CTAWG Data

Why/how did we choose this data?

In the Fall of 2015 CTWAG group members decided to use one common data set through which to explore computational text analysis methods. Members chose to focus our collective efforts on the Congressional Record and Congressional Hearing. We chose these Congressional documents for the following reasons:

"Big" data set: There is a large amount of data.
Publicly available data: The data is in the public domain, so there are no copyright concerns.
Multiple forms of communication: The record includes both spoken and written text.
External linkages: Potential to link to voter records, metadata about congress people, committees served on, etc.

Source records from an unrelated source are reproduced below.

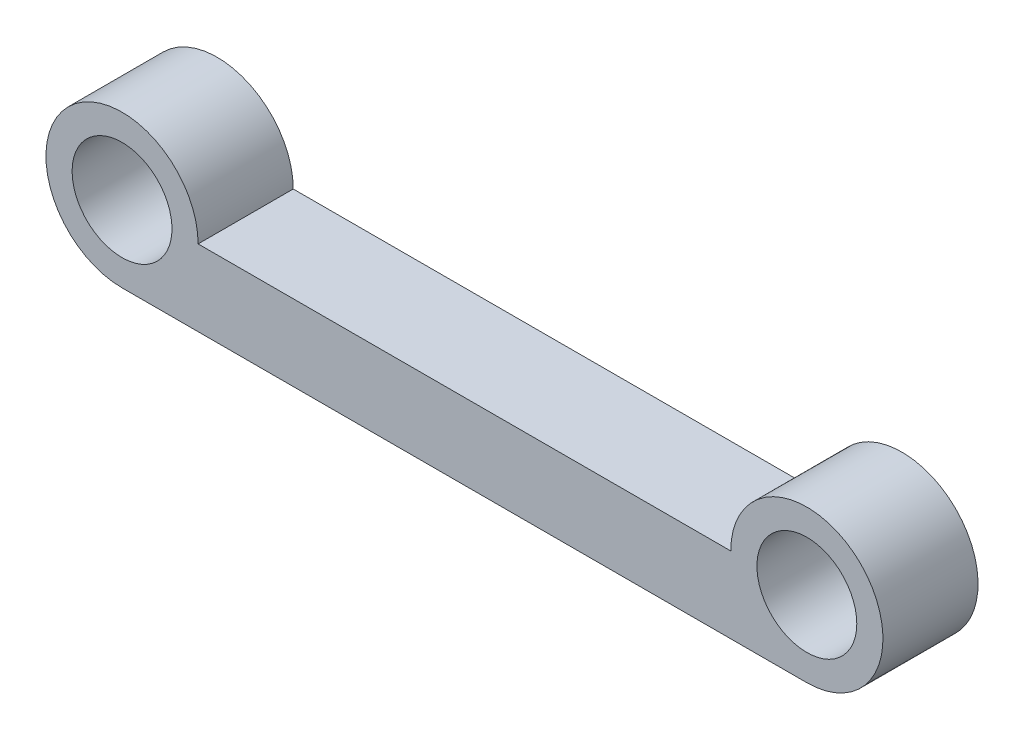
SolidWorks part; units mm, degrees
ref_plane "Front Plane" through (0, 0, 0) normal (0, 0, 1) x (1, 0, 0)
ref_plane "Top Plane" through (0, 0, 0) normal (0, 1, 0) x (1, 0, 0)
ref_plane "Right Plane" through (0, 0, 0) normal (1, 0, 0) x (0, 0, -1)
other "Configuration Table"
sketch "Sketch1" plane through (0, 0, 0) normal (0, 0, 1) x (1, 0, 0)
  line L1 (-17.5, -2.5) -> (17.5, -2.5)
  line L2 (-17.5, -2.5) -> (-17.5, 2.5)
  line L3 (-17.5, 2.5) -> (17.5, 2.5)
  line L4 (17.5, -2.5) -> (17.5, 2.5)
  line L5 (-17.5, -2.5) -> (17.5, 2.5) construction
  line L6 (-17.5, 2.5) -> (17.5, -2.5) construction
  point P0 (0, 0)
  dimension "D1" = 35
  dimension "D2" = 5
extrude "Boss-Extrude3" add sketch "Sketch1" along normal blind 5 contours L3 L4 L1 L2
sketch "Sketch4" plane through (0, 0, 5) normal (0, 0, 1) x (1, 0, 0)
  line L0 (17.5, 0) -> (16, 0) construction
  line L1 (17.5, -2.5) -> (17.5, 2.5) construction
  line L2 (16, 0) -> (17.5, 0) construction
  line L3 (17.5, 0) -> (16, 0) construction
  circle A0 centre (16, 0) radius 1
sketch "Sketch5" plane through (0, 0, 5) normal (0, 0, 1) x (1, 0, 0)
  line L0 (-17.5, 0) -> (-16, 0) construction
  line L1 (-17.5, -2.5) -> (-17.5, 2.5) construction
  line L2 (-16, 0) -> (-17.5, 0) construction
  line L3 (-17.5, 0) -> (-16, 0) construction
  circle A0 centre (-16, 0) radius 2.375
sketch "Sketch7" plane through (0, 0, 5) normal (0, 0, 1) x (1, 0, 0)
  line L0 (22.5, -2.4538) -> (17.5, -2.4538)
  line L5 (22.5, -2.4538) -> (22.5, 2.5462)
  line L6 (17.5, -2.4538) -> (17.5, 2.5462)
  line L7 (22.5, 2.5462) -> (17.5, 2.5462)
  line L8 (22.5, -2.4538) -> (17.5, 2.5462) construction
  line L9 (17.5, -2.4538) -> (22.5, 2.5462) construction
  point P1 (20, 0.0462)
extrude "Boss-Extrude6" add sketch "Sketch7" against normal blind 5
fillet "Fillet6" radius 1 1 edges at (22.5, 2.5462, 2.5)
fillet "Fillet7" radius 1 1 edges at (22.5, -2.4538, 2.5)
sketch "Sketch11" plane through (0, 0, 5) normal (0, 0, 1) x (1, 0, 0)
  line L0 (17.5, 0) -> (22.5, 0.0462) construction
  line L1 (22.5, -1.4538) -> (22.5, 1.5462) construction
  circle A0 centre (20, 0.0231) radius 2
extrude "Cut-Extrude2" cut sketch "Sketch11" against normal blind 5
sketch "Sketch12" plane through (-17.5, 0, 0) normal (-1, 0, 0) x (0, 0, 1)
  line L1 (0, 2.5) -> (4, 2.5)
  line L2 (0, 2.5) -> (0, -1.5)
  line L3 (0, -1.5) -> (4, -1.5)
  line L4 (4, 2.5) -> (4, -1.5)
extrude "Boss-Extrude9" add sketch "Sketch5" along normal blind 5
sketch "Sketch13" plane through (0, 0, 5) normal (0, 0, 1) x (1, 0, 0)
  circle A0 centre (20, 0.0231) radius 4
extrude "Boss-Extrude10" add sketch "Sketch13" against normal through all
sketch "Sketch14" plane through (0, 0, 5) normal (0, 0, 1) x (1, 0, 0)
  circle A0 centre (20, 0.0231) radius 2.625
extrude "Cut-Extrude3" cut sketch "Sketch14" against normal through all
sketch "Sketch15" plane through (-17.5, 0, 0) normal (-1, 0, 0) x (0, 0, 1)
  line L1 (0, 2.5) -> (5, 2.5)
  line L2 (0, 2.5) -> (0, -2.5)
  line L3 (0, -2.5) -> (5, -2.5)
  line L4 (5, 2.5) -> (5, -2.5)
extrude "Boss-Extrude11" add sketch "Sketch15" along normal through all
fillet "Fillet8" radius 2 1 edges at (-18.375, 2.5, 2.5)
fillet "Fillet9" radius 2 1 edges at (-18.375, -2.5, 2.5)
sketch "Sketch16" plane through (0, 0, 5) normal (0, 0, 1) x (1, 0, 0)
  circle A0 centre (-16, 0) radius 4
extrude "Boss-Extrude12" add sketch "Sketch16" against normal blind 5
sketch "Sketch17" plane through (0, 0, 10) normal (0, 0, 1) x (1, 0, 0)
  circle A0 centre (-16, 0) radius 2.625
extrude "Cut-Extrude4" cut sketch "Sketch17" against normal blind 30
sketch "Sketch18" plane through (0, 0, 5) normal (0, 0, 1) x (1, 0, 0)
  line L0 (-12, 0) -> (16, 0.0231)
  line L1 (-16, 4) -> (19.9974, 4.0231)
  arc A0 (-12, 0) -> (-16, 4) centre (-16, 0) ccw
  arc A1 (19.9974, 4.0231) -> (16, 0.0231) centre (20, 0.0231) ccw
extrude "Cut-Extrude5" cut sketch "Sketch18" against normal through all
sketch "Sketch19" plane through (0, 0, 5) normal (0, 0, 1) x (1, 0, 0)
  line L0 (-16, -4) -> (20, -3.9769)
  line L1 (20, -3.9769) -> (16, -1.2733)
  line L2 (16, -1.2733) -> (-12.8786, -1.6492)
  line L3 (-12.8786, -1.6492) -> (-16, -4)
  arc A0 (-12, 0) -> (-12.8775, -2.5) centre (-16, 0) ccw construction
  arc A1 (16.8961, -2.5) -> (16, 0.0231) centre (20, 0.0231) ccw construction
extrude "Boss-Extrude13" add sketch "Sketch19" against normal through all

What data files should I use?

We are still in the preliminary stages of scraping and pre-processing Congressional Hearings from US GPO. For Spring 2016 we will therefore be working with two branches of data:

ICPSR Data v1.0

Version: 1.0
Copyright: Restricted to researchers in the ICPSR community (including UC Berkeley). To receive the data, follow the link above and request access using a berkeley.edu email address.
In 2011, Matthew Gentzkow and Jesse Shapiro compiled text data from the Congressional Record (104th-110th). This data is available to researchers at universities affiliated with the ICPSR collective (including UC Berkeley). This dataset will be used as a bridge, enabling us to work through more advanced stages of a text analysis project, while we prepare our own more exhaustive original data set using the US Government Publishing Office records. For mor information, visit the entry for this data set at the ICPSR.

CTAWG Data v0.1

Version: 0.1
Copyright: Unrestricted.
Description: We are currently developing our own data set from Congressional Hearings. To do this we built a web scraper to compile hearings housed at the US Government Publishing Office Site. Version 0.1 provides a very small sample of a subset of these records to offer a glimpse into the format and potential for this data.